George's local village, Radstock, circa early 20th century.
George’s local village, Radstock, circa early 20th century.

However, George’s retelling of his parent’s entry to the world of property ownership offers a contrasting view to this standard. He explains how, whilst the two were on their way to buy furniture for their family house, his father told her he had no money and ‘the contents of her purse must decide what they bought’ (4). This reversal of the expected gender roles really highlight to me that family life is not, and has never been, as black and white as the stereotypes suggest.

I think it is important to note that George does not write anything about home or family in his adult life. All emotional description of his past is confined to his childhood and young adult years. In an article published in Social History, David Vincent claims that ‘the most striking characteristic of the autobiographer’s treatment of their family experience is not what is said but rather what is not said’ (226). Perhaps George’s reticence about these details of his later life indicates that he never felt as strongly about them as he did in childhood, or maybe there is something else at play giving him a reason not to mention home or family. Unfortunately we will only ever be able to theorise about why George left out this information.

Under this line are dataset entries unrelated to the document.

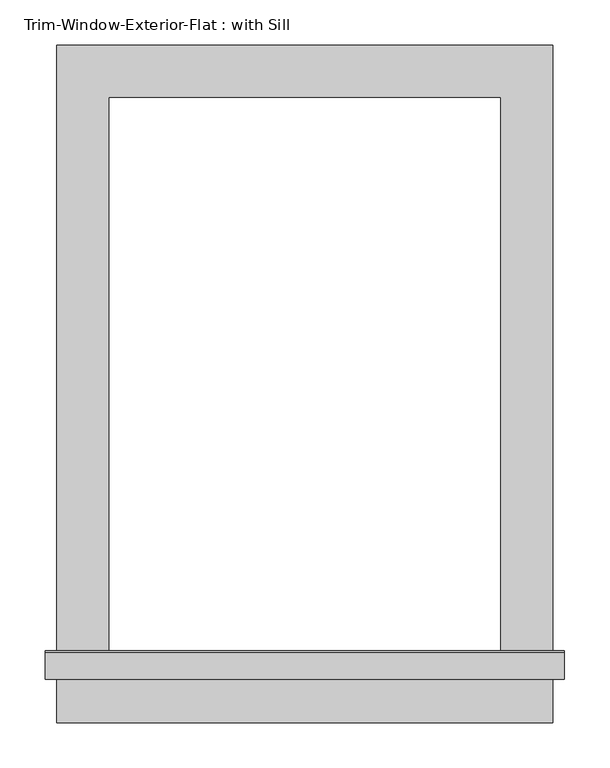
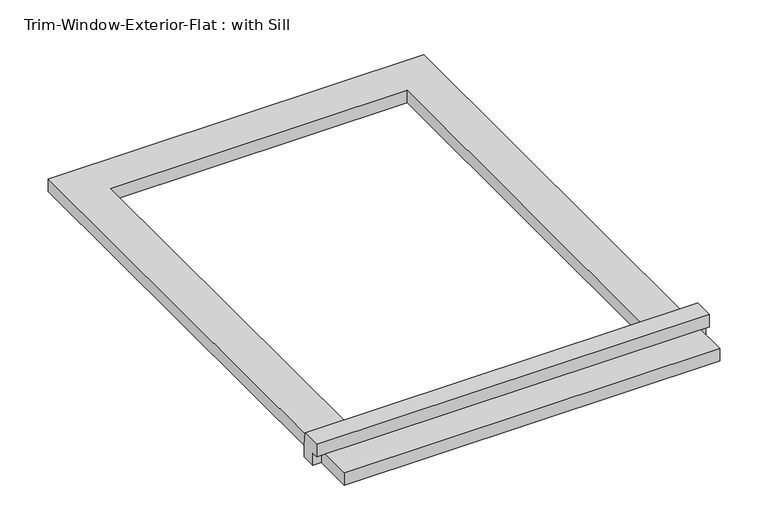
"""IFC4 building model written with IfcOpenShell, lengths in millimetres: proxy geometry, Trim-Window-Exterior-Flat : with Sill."""

from ifc_helpers import new_model, si_unit, frame, origin, origin_with_axes, place, context, project, spatial, polyline, outline, extrude, source, transform, mapped, element, save


def trim_window_exterior_flat_with_sill_e496db69(model_context):
    return source(origin(), model_context, "Body", "SweptSolid", [
        extrude(outline(polyline([(273.05, -631.7823709), (273.05, -688.9323709), (-273.05, -688.9323709), (-273.05, -631.7823709), (273.05, -631.7823709)])), origin_with_axes(), (0.0, 0.0, 1.0), 19.05),
        extrude(outline(polyline([(-641.35, 38.1), (-612.0580645, 38.1), (-609.6, 19.05), (-609.6, 0.0), (-631.7823709, 0.0), (-631.7823709, 19.05), (-641.35, 19.05), (-641.35, 38.1)])), frame((-285.75, 0.0, 0.0), z_axis=(1.0, 0.0, 0.0), x_axis=(0.0, 1.0, 0.0)), (0.0, 0.0, 1.0), 571.5),
        extrude(outline(polyline([(-273.05, 57.15), (273.05, 57.15), (273.05, -609.6), (215.9, -609.6), (215.9, 0.0), (-215.9, 0.0), (-215.9, -609.6), (-273.05, -609.6), (-273.05, 57.15)])), origin_with_axes(), (0.0, 0.0, 1.0), 19.05),
    ])


if __name__ == "__main__":
    model = new_model("IFC4")
    model_context = context("Model", 3, world=origin())
    ifc_project = project(units=[si_unit("LENGTHUNIT", "METRE", prefix="MILLI")], contexts=[model_context])
    site = spatial("IfcSite", under=ifc_project)
    building = spatial("IfcBuilding", under=site)
    placement = place(None, origin())
    trim_window_exterior_flat_with_sill_shape = trim_window_exterior_flat_with_sill_e496db69(model_context)
    element("IfcBuildingElementProxy", 1, Name="Trim-Window-Exterior-Flat : with Sill", ObjectType="Trim-Window-Exterior-Flat : with Sill", at=placement, inside=building, context=model_context, shape_type="MappedRepresentation", body=[
        mapped(trim_window_exterior_flat_with_sill_shape, transform((0.0, 0.0, 0.0), x_axis=(1.0, 0.0, 0.0), y_axis=(0.0, 1.0, 0.0), z_axis=(0.0, 0.0, 1.0))),
    ])
    save(model, "model.ifc")

# Revit data of these elements
# Type "Trim-Window-Exterior-Flat : with Sill"
#   Trim Width = 0' - 2 1/4"
#   Trim Thickness_Picture Frame = 0' - 1 1/4"
#   Trim Thickness_with Sill = 0' - 0 3/4"
#   Sill Thickness = 0' - 1 1/4"
#   Opening Width [instance default] = 2' - 0"
#   Opening Height [instance default] = 3' - 0"
#   Default Elevation = 4' - 0"
#   Sill = yes
#   Picture Frame = no
#   Trim Material [instance default] = none
# Element 1 (IfcBuildingElementProxy, "Trim-Window-Exterior-Flat : with Sill")
#   Opening Width = 1' - 5"
#   Opening Height = 2' - 0"
#   Trim Material = Clad - White
#   Materials on its faces: "Clad - White"
# Materials
#   "Clad - White": class "Wood", colour RGB 242 242 238, transparency 0, Cost = 0

Researching and writing this post has helped me to understand George more completely and get an insight into what turned him into the adult he became, but it has also given me a new perspective on the past itself. Although a lot of things have changed since George’s childhood, there is so much that is the same.


 

Gregory, George, ‘Untitled’, Burnett Archive of Working Class Autobiography, University of Brunel Library, Special Collection, 1:283.

Vincent, David. ‘Love and Death and the Nineteenth-Century Working Class’. Social History 5.2 (May 1980): 223-247.